Hanoi took another look and decided to increase the military pressures. The Soviets, seeing an opportunity, increased their military aid (up by four times in the first quarter of this year) and, accurately, advised Hanoi that the propaganda campaign being mounted would further erode American will and determination to the point that they might score some startling success. When we did not react after Phuoc Long, the die was cast. The election of the new Congress, Tran Van Lam’s interpretation to Thieu that there would be no further aid let alone any supplemental, pushed Thieu into the disastrously executed evacuation of MR’s 1 and 2. The military momentum on the other side, added to the psychological shock the South Vietnamese had undergone, brought a preponderance of forces to the edge of Saigon. The ARVN demonstrated at Xuan Loc that it was still no pushover and the will to fight still existed. In the Delta, everything held reasonably well. The choice, therefore, was between a military smash at Saigon or the use of the threat of such action to induce acceptable political changes. As you know, my estimate has been that Hanoi would choose the latter course. It seems that it has and it appears to be working out reasonably well. One of their professional deformations in Hanoi is that they are reluctant to deviate from a previously agreed strategy. I took advantage of that inflexibility years ago in Thailand to accomplish certain results without American direct involvement. In the present situation, I have counted on Hanoi’s compulsion to stay within the terms of their previous strategy.
5.
If Big Minh comes to power, as now seems inevitable, it will still be a Government of the Republic of Viet-Nam that he heads. This [Page 906]government, I would think, would be required to be basically neutral-ist, forego military aid, but would be relatively free for a time to continue, with the exceptions mentioned above, much as it has in the past. There will be a complicated negotiatition between the GVN and the PRG over the setting up of the NCNRC which may or may not be converted into a coalition government. I would think not, because they could now afford to be more patient. I think they will wish that whatever evolves be seen to be capable of being presented as within the framework of the Paris Agreement. I think the negotiations between the RVN and the PRG will perhaps be longer and more complicated than you think.
6.
This is the long way around to saying that I am uncertain with your first question in reftel which seems to imply that the PRG is going to take over immediately in Saigon.

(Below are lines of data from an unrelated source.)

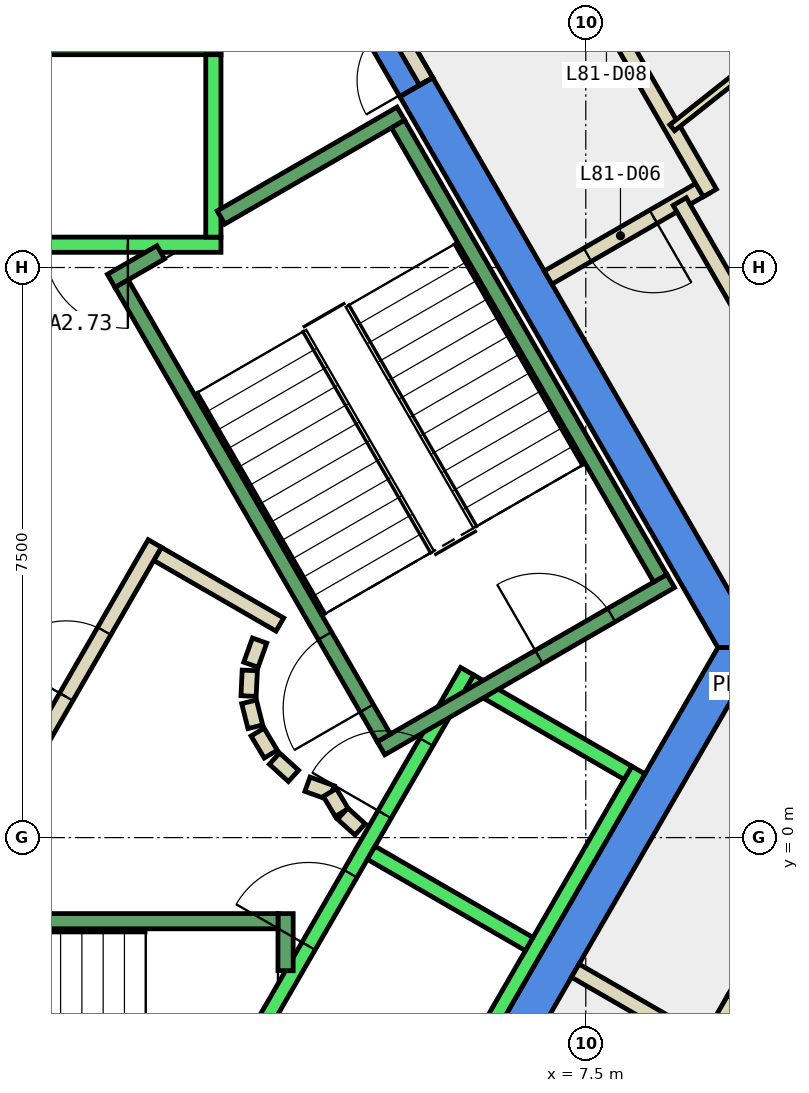
"""IFC4 building model, lengths in metres.
Left out: names, types, materials, properties, quantities, classifications, styles, units other than length and angle.
Written with IfcOpenShell. Run it as: python <this file> out.ifc"""

import sys

from ifc_helpers import new_model, si_unit, direction, frame, frame_2d, origin, place, context, subcontext, project, spatial, polyline, rectangle, outline, extrude, element, fill, save


model = new_model("IFC4")
c1 = context("Model", 3, precision=1e-05, world=origin(), true_north=direction((0.0, 1.0)))
c2 = subcontext(c1, "Body", "Model", "MODEL_VIEW")
j1 = project(units=[si_unit("LENGTHUNIT", "METRE"), si_unit("PLANEANGLEUNIT", "RADIAN")], contexts=[c1])
p1 = place(None, origin())
s1 = spatial("IfcSite", under=j1, at=p1, CompositionType="ELEMENT")
p2 = place(p1, origin())
s2 = spatial("IfcBuilding", under=s1, at=p2, CompositionType="ELEMENT")
p3 = place(p2, frame((0.0, 0.0, 344.9)))
s3 = spatial("IfcBuildingStorey", under=s2, at=p3, CompositionType="ELEMENT", Elevation=344.9)
p4 = place(p3, frame((0.0, 0.0, -0.35)))
e1 = element("IfcWall", 1, at=p4, inside=s3, PredefinedType="SHEAR", context=c2, shape_type="SweptSolid", body=[
    extrude(outline(polyline([(5.486, 9.998), (5.053, 9.748), (9.238, 2.5), (9.815, 2.5), (5.486, 9.998)])), origin(), (0.0, 0.0, 1.0), 4.4),
])
p5 = place(p3, frame((0.0, 0.0, 3.6)))
e2 = element("IfcWall", 2, at=p5, inside=s3, PredefinedType="SHEAR", context=c2, shape_type="SweptSolid", body=[
    extrude(outline(polyline([(5.022, 10.8), (4.677, 10.601), (4.619, 10.5), (5.053, 9.748), (5.486, 9.998), (5.022, 10.8)])), origin(), (0.0, 0.0, 1.0), 0.45),
])
p6 = place(p3, frame((0.0, 0.0, -0.35)))
e3 = element("IfcWall", 3, at=p6, inside=s3, PredefinedType="SHEAR", context=c2, shape_type="SweptSolid", body=[
    extrude(outline(polyline([(4.907, -6.0), (9.815, 2.5), (9.238, 2.5), (4.619, -5.5), (4.907, -6.0)])), origin(), (0.0, 0.0, 1.0), 4.4),
])
p7 = place(p3, frame((12.605, 7.854, 0.0), z_axis=(0.0, 0.0, 1.0), x_axis=(-0.510686403068, 0.859767060152, 0.0)))
e4 = element("IfcWall", 4, at=p7, inside=s3, PredefinedType="STANDARD", context=c2, shape_type="SweptSolid", body=[
    extrude(rectangle(XDim=6.38, YDim=0.3, at=frame_2d((3.19, 0.0))), origin(), (0.0, 0.0, 1.0), 4.05),
])
p8 = place(p7, frame((0.595, 0.0, 0.9)))
e5 = element("IfcOpeningElement", 5, at=p8, cuts=e4, PredefinedType="OPENING", context=c2, shape_type="SweptSolid", body=[
    extrude(rectangle(XDim=2.0, YDim=3.0, at=frame_2d((1.0, 1.5))), frame((0.0, 0.16, 0.0), z_axis=(0.0, -1.0, 0.0), x_axis=(1.0, 0.0, 0.0)), (0.0, 0.0, 1.0), 0.32),
])
p9 = place(p7, frame((3.785, 0.0, 0.9)))
e6 = element("IfcOpeningElement", 6, at=p9, cuts=e4, PredefinedType="OPENING", context=c2, shape_type="SweptSolid", body=[
    extrude(rectangle(XDim=2.0, YDim=3.0, at=frame_2d((1.0, 1.5))), frame((0.0, 0.16, 0.0), z_axis=(0.0, -1.0, 0.0), x_axis=(1.0, 0.0, 0.0)), (0.0, 0.0, 1.0), 0.32),
])
p10 = place(p3, frame((1.866, 3.732, 0.0), z_axis=(0.0, 0.0, 1.0), x_axis=(0.866043361281, -0.499968895414, 0.0)))
e7 = element("IfcWall", 7, at=p10, inside=s3, PredefinedType="PARTITIONING", context=c2, shape_type="SweptSolid", body=[
    extrude(rectangle(XDim=1.858, YDim=0.2, at=frame_2d((0.929, 0.0))), origin(), (0.0, 0.0, 1.0), 4.05),
])
p11 = place(p3, frame((3.208, 2.592, 0.0), z_axis=(0.0, 0.0, 1.0), x_axis=(-0.337388820924, -0.941365382578, 0.0)))
e8 = element("IfcWall", 8, at=p11, inside=s3, PredefinedType="PARTITIONING", context=c2, shape_type="SweptSolid", body=[
    extrude(rectangle(XDim=0.338, YDim=0.2, at=frame_2d((0.169, 0.0))), origin(), (0.0, 0.0, 1.0), 4.05),
])
p12 = place(p3, frame((3.079, 2.199, 0.0), z_axis=(0.0, 0.0, 1.0), x_axis=(-0.047771483479, -0.998858290933, 0.0)))
e9 = element("IfcWall", 9, at=p12, inside=s3, PredefinedType="PARTITIONING", context=c2, shape_type="SweptSolid", body=[
    extrude(rectangle(XDim=0.337, YDim=0.2, at=frame_2d((0.169, 0.0))), origin(), (0.0, 0.0, 1.0), 4.05),
])
p13 = place(p3, frame((3.07, 1.786, 0.0), z_axis=(0.0, 0.0, 1.0), x_axis=(0.242705583207, -0.970099994784, 0.0)))
e10 = element("IfcWall", 10, at=p13, inside=s3, PredefinedType="PARTITIONING", context=c2, shape_type="SweptSolid", body=[
    extrude(rectangle(XDim=0.338, YDim=0.2, at=frame_2d((0.169, 0.0))), origin(), (0.0, 0.0, 1.0), 4.05),
])
for number, where, z_axis, x_axis in (
    (11, (3.182, 1.388, 0.0), (0.0, 0.0, 1.0), (0.512, -0.859, 0.0)),
    (12, (3.404, 1.039, 0.0), (0.0, 0.0, 1.0), (0.74, -0.672, 0.0)),
):
    element("IfcWall", number, at=place(p3, frame(where, z_axis=z_axis, x_axis=x_axis)), inside=s3, PredefinedType="PARTITIONING", context=c2, shape_type="SweptSolid", body=[
        extrude(rectangle(XDim=0.338, YDim=0.2, at=frame_2d((0.169, 0.0))), origin(), (0.0, 0.0, 1.0), 4.05),
    ])
p14 = place(p3, frame((3.838, 0.702, 0.0), z_axis=(0.0, 0.0, 1.0), x_axis=(0.941035081519, -0.338308993895, 0.0)))
e13 = element("IfcWall", 13, at=p14, inside=s3, PredefinedType="PARTITIONING", context=c2, shape_type="SweptSolid", body=[
    extrude(rectangle(XDim=0.337, YDim=0.2, at=frame_2d((0.168, 0.0))), origin(), (0.0, 0.0, 1.0), 4.05),
])
p15 = place(p3, frame((4.132, 0.593, 0.0), z_axis=(0.0, 0.0, 1.0), x_axis=(0.513561617048, -0.858052717201, 0.0)))
e14 = element("IfcWall", 14, at=p15, inside=s3, PredefinedType="PARTITIONING", context=c2, shape_type="SweptSolid", body=[
    extrude(rectangle(XDim=0.308, YDim=0.2, at=frame_2d((0.154, 0.0))), origin(), (0.0, 0.0, 1.0), 4.05),
])
p16 = place(p3, frame((4.301, 0.315, 0.0), z_axis=(0.0, 0.0, 1.0), x_axis=(0.741798017506, -0.670623367639, 0.0)))
e15 = element("IfcWall", 15, at=p16, inside=s3, PredefinedType="PARTITIONING", context=c2, shape_type="SweptSolid", body=[
    extrude(rectangle(XDim=0.309, YDim=0.2, at=frame_2d((0.154, 0.0))), origin(), (0.0, 0.0, 1.0), 4.05),
])
p17 = place(p3, frame((0.05, 0.787, 0.0), z_axis=(0.0, 0.0, 1.0), x_axis=(0.499954076797, 0.866051915934, 0.0)))
e16 = element("IfcWall", 16, at=p17, inside=s3, PredefinedType="PARTITIONING", context=c2, shape_type="SweptSolid", body=[
    extrude(rectangle(XDim=3.558, YDim=0.2, at=frame_2d((1.779, 0.0))), origin(), (0.0, 0.0, 1.0), 4.05),
])
p18 = place(p17, frame((1.229, 0.0, 0.0)))
e17 = element("IfcOpeningElement", 17, at=p18, cuts=e16, PredefinedType="OPENING", context=c2, shape_type="SweptSolid", body=[
    extrude(rectangle(XDim=1.0, YDim=2.1, at=frame_2d((0.5, 1.05))), frame((0.0, 0.11, 0.0), z_axis=(0.0, -1.0, 0.0), x_axis=(1.0, 0.0, 0.0)), (0.0, 0.0, 1.0), 0.22),
])
p19 = place(p3, frame((7.361, -1.75, 0.0), z_axis=(0.0, 0.0, 1.0), x_axis=(0.865980106173, -0.500078449558, 0.0)))
e18 = element("IfcWall", 18, at=p19, inside=s3, PredefinedType="PARTITIONING", context=c2, shape_type="SweptSolid", body=[
    extrude(rectangle(XDim=1.9, YDim=0.2, at=frame_2d((0.95, 0.0))), origin(), (0.0, 0.0, 1.0), 4.05),
])
p20 = place(p3, frame((9.082, 8.568, 0.0), z_axis=(0.0, 0.0, 1.0), x_axis=(-0.865955154139, -0.50012165622, 0.0)))
e19 = element("IfcWall", 19, at=p20, inside=s3, PredefinedType="PARTITIONING", context=c2, shape_type="SweptSolid", body=[
    extrude(rectangle(XDim=2.4, YDim=0.2, at=frame_2d((1.2, 0.0))), origin(), (0.0, 0.0, 1.0), 4.05),
])
p21 = place(p20, frame((0.8, 0.0, 0.0)))
e20 = element("IfcOpeningElement", 20, at=p21, cuts=e19, PredefinedType="OPENING", context=c2, shape_type="SweptSolid", body=[
    extrude(rectangle(XDim=1.0, YDim=2.1, at=frame_2d((0.5, 1.05))), frame((0.0, 0.11, 0.0), z_axis=(0.0, -1.0, 0.0), x_axis=(1.0, 0.0, 0.0)), (0.0, 0.0, 1.0), 0.22),
])
p22 = place(p3, frame((8.736, 8.368, 0.0), z_axis=(0.0, 0.0, 1.0), x_axis=(0.500041339179, -0.866001535283, 0.0)))
e21 = element("IfcWall", 21, at=p22, inside=s3, PredefinedType="PARTITIONING", context=c2, shape_type="SweptSolid", body=[
    extrude(rectangle(XDim=2.342, YDim=0.2, at=frame_2d((1.171, 0.0))), origin(), (0.0, 0.0, 1.0), 4.05),
])
p23 = place(p3, frame((5.399, 9.948, 0.0), z_axis=(0.0, 0.0, 1.0), x_axis=(-0.499882215713, 0.866093395895, 0.0)))
e22 = element("IfcWall", 22, at=p23, inside=s3, PredefinedType="PARTITIONING", context=c2, shape_type="SweptSolid", body=[
    extrude(rectangle(XDim=0.926, YDim=0.2, at=frame_2d((0.463, 0.0))), origin(), (0.0, 0.0, 1.0), 2.4),
])
p24 = place(p23, frame((0.017, 0.0, 0.0)))
e23 = element("IfcOpeningElement", 23, at=p24, cuts=e22, PredefinedType="OPENING", context=c2, shape_type="SweptSolid", body=[
    extrude(rectangle(XDim=0.9, YDim=2.1, at=frame_2d((0.45, 1.05))), frame((0.0, 0.11, 0.0), z_axis=(0.0, -1.0, 0.0), x_axis=(1.0, 0.0, 0.0)), (0.0, 0.0, 1.0), 0.22),
])
p25 = place(p3, frame((7.482, 11.339, 0.0), z_axis=(0.0, 0.0, 1.0), x_axis=(0.49999780286, -0.8660266723, 0.0)))
e24 = element("IfcWall", 24, at=p25, inside=s3, PredefinedType="PARTITIONING", context=c2, shape_type="SweptSolid", body=[
    extrude(rectangle(XDim=3.3, YDim=0.2, at=frame_2d((1.65, 0.0))), origin(), (0.0, 0.0, 1.0), 4.05),
])
p26 = place(p25, frame((0.08, 0.0, 0.0)))
e25 = element("IfcOpeningElement", 25, at=p26, cuts=e24, PredefinedType="OPENING", context=c2, shape_type="SweptSolid", body=[
    extrude(rectangle(XDim=1.0, YDim=2.1, at=frame_2d((0.5, 1.05))), frame((0.0, 0.11, 0.0), z_axis=(0.0, -1.0, 0.0), x_axis=(1.0, 0.0, 0.0)), (0.0, 0.0, 1.0), 0.22),
])
p27 = place(p3, frame((9.815, -1.499, 0.0), z_axis=(0.0, 0.0, 1.0), x_axis=(-0.499508606083, -0.866308924373, 0.0)))
e26 = element("IfcWall", 26, at=p27, inside=s3, PredefinedType="PARTITIONING", context=c2, shape_type="SweptSolid", body=[
    extrude(rectangle(XDim=0.725, YDim=0.2, at=frame_2d((0.362, 0.0))), origin(), (0.0, 0.0, 1.0), 1.95),
])
p28 = place(p3, frame((9.453, -2.127, 0.0), z_axis=(0.0, 0.0, 1.0), x_axis=(-0.499884866553, -0.866091865907, 0.0)))
e27 = element("IfcWall", 27, at=p28, inside=s3, PredefinedType="PARTITIONING", context=c2, shape_type="SweptSolid", body=[
    extrude(rectangle(XDim=0.694, YDim=0.2, at=frame_2d((0.347, 0.0))), origin(), (0.0, 0.0, 1.0), 4.05),
])
p29 = place(p3, frame((9.821, 10.276, 0.0), z_axis=(0.0, 0.0, 1.0), x_axis=(-0.784249073328, -0.620446122548, 0.0)))
e28 = element("IfcWall", 28, at=p29, inside=s3, PredefinedType="PARTITIONING", context=c2, shape_type="SweptSolid", body=[
    extrude(rectangle(XDim=1.51, YDim=0.1, at=frame_2d((0.755, 0.0))), origin(), (0.0, 0.0, 1.0), 4.05),
])
p30 = place(p3, frame((2.7, 7.8, 0.0), z_axis=(0.0, 0.0, 1.0), x_axis=(-1.0, 0.0, 0.0)))
e29 = element("IfcWall", 29, at=p30, inside=s3, PredefinedType="STANDARD", context=c2, shape_type="SweptSolid", body=[
    extrude(rectangle(XDim=5.4, YDim=0.2, at=frame_2d((2.7, 0.0))), origin(), (0.0, 0.0, 1.0), 4.05),
])
p31 = place(p30, frame((1.225, 0.0, 0.0)))
e30 = element("IfcOpeningElement", 30, at=p31, cuts=e29, PredefinedType="OPENING", context=c2, shape_type="SweptSolid", body=[
    extrude(rectangle(XDim=1.1, YDim=2.1, at=frame_2d((0.55, 1.05))), frame((0.0, 0.11, 0.0), z_axis=(0.0, -1.0, 0.0), x_axis=(1.0, 0.0, 0.0)), (0.0, 0.0, 1.0), 0.22),
])
p32 = place(p30, frame((3.075, 0.0, 0.0)))
e31 = element("IfcOpeningElement", 31, at=p32, cuts=e29, PredefinedType="OPENING", context=c2, shape_type="SweptSolid", body=[
    extrude(rectangle(XDim=1.1, YDim=2.1, at=frame_2d((0.55, 1.05))), frame((0.0, 0.11, 0.0), z_axis=(0.0, -1.0, 0.0), x_axis=(1.0, 0.0, 0.0)), (0.0, 0.0, 1.0), 0.22),
])
p33 = place(p3, frame((2.7, 10.4, 0.0), z_axis=(0.0, 0.0, 1.0), x_axis=(-1.0, 0.0, 0.0)))
e32 = element("IfcWall", 32, at=p33, inside=s3, PredefinedType="STANDARD", context=c2, shape_type="SweptSolid", body=[
    extrude(rectangle(XDim=5.4, YDim=0.2, at=frame_2d((2.7, 0.0))), origin(), (0.0, 0.0, 1.0), 4.05),
])
p34 = place(p3, frame((2.6, 7.9, 0.0), z_axis=(0.0, 0.0, 1.0), x_axis=(0.0, 1.0, 0.0)))
e33 = element("IfcWall", 33, at=p34, inside=s3, PredefinedType="STANDARD", context=c2, shape_type="SweptSolid", body=[
    extrude(rectangle(XDim=2.4, YDim=0.2, at=frame_2d((1.2, 0.0))), origin(), (0.0, 0.0, 1.0), 4.05),
])
p35 = place(p3, frame((3.24, -2.488, 0.0), z_axis=(0.0, 0.0, 1.0), x_axis=(0.500034260056, 0.866005622828, 0.0)))
e34 = element("IfcWall", 34, at=p35, inside=s3, PredefinedType="STANDARD", context=c2, shape_type="SweptSolid", body=[
    extrude(rectangle(XDim=5.399, YDim=0.2, at=frame_2d((2.7, 0.0))), origin(), (0.0, 0.0, 1.0), 4.05),
])
p36 = place(p35, frame((3.225, 0.0, 0.0)))
e35 = element("IfcOpeningElement", 35, at=p36, cuts=e34, PredefinedType="OPENING", context=c2, shape_type="SweptSolid", body=[
    extrude(rectangle(XDim=1.1, YDim=2.1, at=frame_2d((0.55, 1.05))), frame((0.0, 0.11, 0.0), z_axis=(0.0, -1.0, 0.0), x_axis=(1.0, 0.0, 0.0)), (0.0, 0.0, 1.0), 0.22),
])
p37 = place(p35, frame((1.225, 0.0, 0.0)))
e36 = element("IfcOpeningElement", 36, at=p37, cuts=e34, PredefinedType="OPENING", context=c2, shape_type="SweptSolid", body=[
    extrude(rectangle(XDim=1.1, YDim=2.1, at=frame_2d((0.55, 1.05))), frame((0.0, 0.11, 0.0), z_axis=(0.0, -1.0, 0.0), x_axis=(1.0, 0.0, 0.0)), (0.0, 0.0, 1.0), 0.22),
])
p38 = place(p3, frame((5.492, -3.788, 0.0), z_axis=(0.0, 0.0, 1.0), x_axis=(0.500034260056, 0.866005622828, 0.0)))
e37 = element("IfcWall", 37, at=p38, inside=s3, PredefinedType="STANDARD", context=c2, shape_type="SweptSolid", body=[
    extrude(rectangle(XDim=5.399, YDim=0.2, at=frame_2d((2.7, 0.0))), origin(), (0.0, 0.0, 1.0), 4.05),
])
for number, where, z_axis, x_axis in (
    (38, (4.677, -0.2, 0.0), (0.0, 0.0, 1.0), (0.866, -0.5, 0.0)),
    (39, (5.977, 2.052, 0.0), (0.0, 0.0, 1.0), (0.866, -0.5, 0.0)),
):
    element("IfcWall", number, at=place(p3, frame(where, z_axis=z_axis, x_axis=x_axis)), inside=s3, PredefinedType="STANDARD", context=c2, shape_type="SweptSolid", body=[
        extrude(rectangle(XDim=2.399, YDim=0.2, at=frame_2d((1.2, 0.0))), origin(), (0.0, 0.0, 1.0), 4.05),
    ])
p39 = place(p3, frame((3.55, -1.0, 0.0), z_axis=(0.0, 0.0, 1.0), x_axis=(0.0, -1.0, 0.0)))
e40 = element("IfcWall", 40, at=p39, inside=s3, PredefinedType="STANDARD", context=c2, shape_type="SweptSolid", body=[
    extrude(rectangle(XDim=0.751, YDim=0.2, at=frame_2d((0.375, 0.0))), origin(), (0.0, 0.0, 1.0), 4.05),
])
p40 = place(p3, frame((-3.45, -1.1, 0.0), z_axis=(0.0, 0.0, 1.0), x_axis=(1.0, 0.0, 0.0)))
e41 = element("IfcWall", 41, at=p40, inside=s3, PredefinedType="STANDARD", context=c2, shape_type="SweptSolid", body=[
    extrude(rectangle(XDim=6.9, YDim=0.2, at=frame_2d((3.45, 0.0))), origin(), (0.0, 0.0, 1.0), 4.05),
])
p41 = place(p40, frame((0.45, 0.0, 0.0)))
e42 = element("IfcOpeningElement", 42, at=p41, cuts=e41, PredefinedType="OPENING", context=c2, shape_type="SweptSolid", body=[
    extrude(rectangle(XDim=1.1, YDim=2.2, at=frame_2d((0.55, 1.1))), frame((0.0, 0.11, 0.0), z_axis=(0.0, -1.0, 0.0), x_axis=(1.0, 0.0, 0.0)), (0.0, 0.0, 1.0), 0.22),
])
p42 = place(p3, frame((4.806, 1.176, 0.0), z_axis=(0.0, 0.0, 1.0), x_axis=(0.866059941101, 0.499940174841, 0.0)))
e43 = element("IfcWall", 43, at=p42, inside=s3, PredefinedType="STANDARD", context=c2, shape_type="SweptSolid", body=[
    extrude(rectangle(XDim=4.4, YDim=0.2, at=frame_2d((2.2, 0.0))), origin(), (0.0, 0.0, 1.0), 4.05),
])
p43 = place(p42, frame((2.4, 0.0, 0.0)))
e44 = element("IfcOpeningElement", 44, at=p43, cuts=e43, PredefinedType="OPENING", context=c2, shape_type="SweptSolid", body=[
    extrude(rectangle(XDim=1.1, YDim=2.2, at=frame_2d((0.55, 1.1))), frame((0.0, 0.11, 0.0), z_axis=(0.0, -1.0, 0.0), x_axis=(1.0, 0.0, 0.0)), (0.0, 0.0, 1.0), 0.22),
])
p44 = place(p3, frame((2.7, 8.158, 0.0), z_axis=(0.0, 0.0, 1.0), x_axis=(0.86611865017, 0.499838457731, 0.0)))
e45 = element("IfcWall", 45, at=p44, inside=s3, PredefinedType="STANDARD", context=c2, shape_type="SweptSolid", body=[
    extrude(rectangle(XDim=2.733, YDim=0.2, at=frame_2d((1.366, 0.0))), origin(), (0.0, 0.0, 1.0), 4.05),
])
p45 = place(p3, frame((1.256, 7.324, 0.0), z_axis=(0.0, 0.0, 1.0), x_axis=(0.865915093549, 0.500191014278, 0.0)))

If the transition to Big Minh can be arranged quickly, I would not think this will be the way it goes. If the peaceful transition to Big Minh takes place, I see no reason why the United States would not keep an Embassy here, although it would be one very likely shorn of any military aide responsibilities except a residual accounting function and whose humanitarian aid responsibilities would probably increase.
7.
Your second question, how would I propose we depart if we do, I think, is a bit premature. If there is an attempt at a military investiture of Saigon, the answer is obvious. We depart very quickly. If a Big Minh government takes over, it will be still the Republic of Viet-Nam and I would assume we would play out this card for a considerable period. We have every evidence that Big Minh is expecting and counting on our doing this. ([garble—As a?] matter of fact, he borrowed $1,000 from us the other day to send two people to Paris.)
8.
The answer to your third question, whether, if there is a neutralist government, they would keep us here, I think is very clearly that if it is a Big Minh government, they will want to keep us. When Big Minh has served his function as Kerensky, I would still think the next successor government would also want to keep us here. In this connection, both PRG recent press announcements and private indications, of which you are of course aware, give the same indication. It is important to note that they are not referring to a “PRG government take-over” in Saigon, but their ideas of what the functions of an American Embassy in Saigon in the future should be.
9.
I am very much aware and completely agree with the caution conveyed in your para 2. So far, we have threaded our way through the ongoing political talks among the Vietnamese without being accused by anyone that we are the driving force in the political evolution that is taking place. I understand you are referring to the political talks between the GVN and the PRG. While I agree it would be better [Page 907]if they take place in Paris, we are not, after all, in a position to control where the GVN and the PRG decide to talk. I have long felt, as you well know, that our participation in such talks should be minimal and that the accommodations which must be made must be made only between the two Vietnamese parties. I do not conceive of our having any talks with the PRG here, on in Paris for that matter on essentially the political elements of GVN/PRG discussions. What contacts, if any, occur in Saigon between the U.S. and the PRG will, in my view, be confined to a listening brief on our part ad referendum to Washington for decision.
10.
We are getting out more and more of the high risk people. We could have done a much tighter controlled job if we had not gotten caught up in the old McNamara numbers game in Washington about the U.S. presence here, which has stripped us of sufficient personnel to manage. I wonder if you have any idea what it takes to evacuate almost 30,000 people. What has been accomplished here would have been regarded as an extraordinary job by a professionally trained staff in logistical movement, double the size of what we have been using. We will get out more than, from what we hear from the outside, your Washington staff has made arrangements to handle.
11.
If the basic premises I have outlined above differ from yours, it would obviously be of enormous interest to me to know how and in what respect.
12.
With the warmest personal regards.
Martin
  1. Source: Ford Library, National Security Adviser, Backchannel Messages, Box 3, Martin Channel, April 1975, Incoming (3). Secret; Sensitive; Immediate; Flash. Sent with the instruction: “Deliver immediately.”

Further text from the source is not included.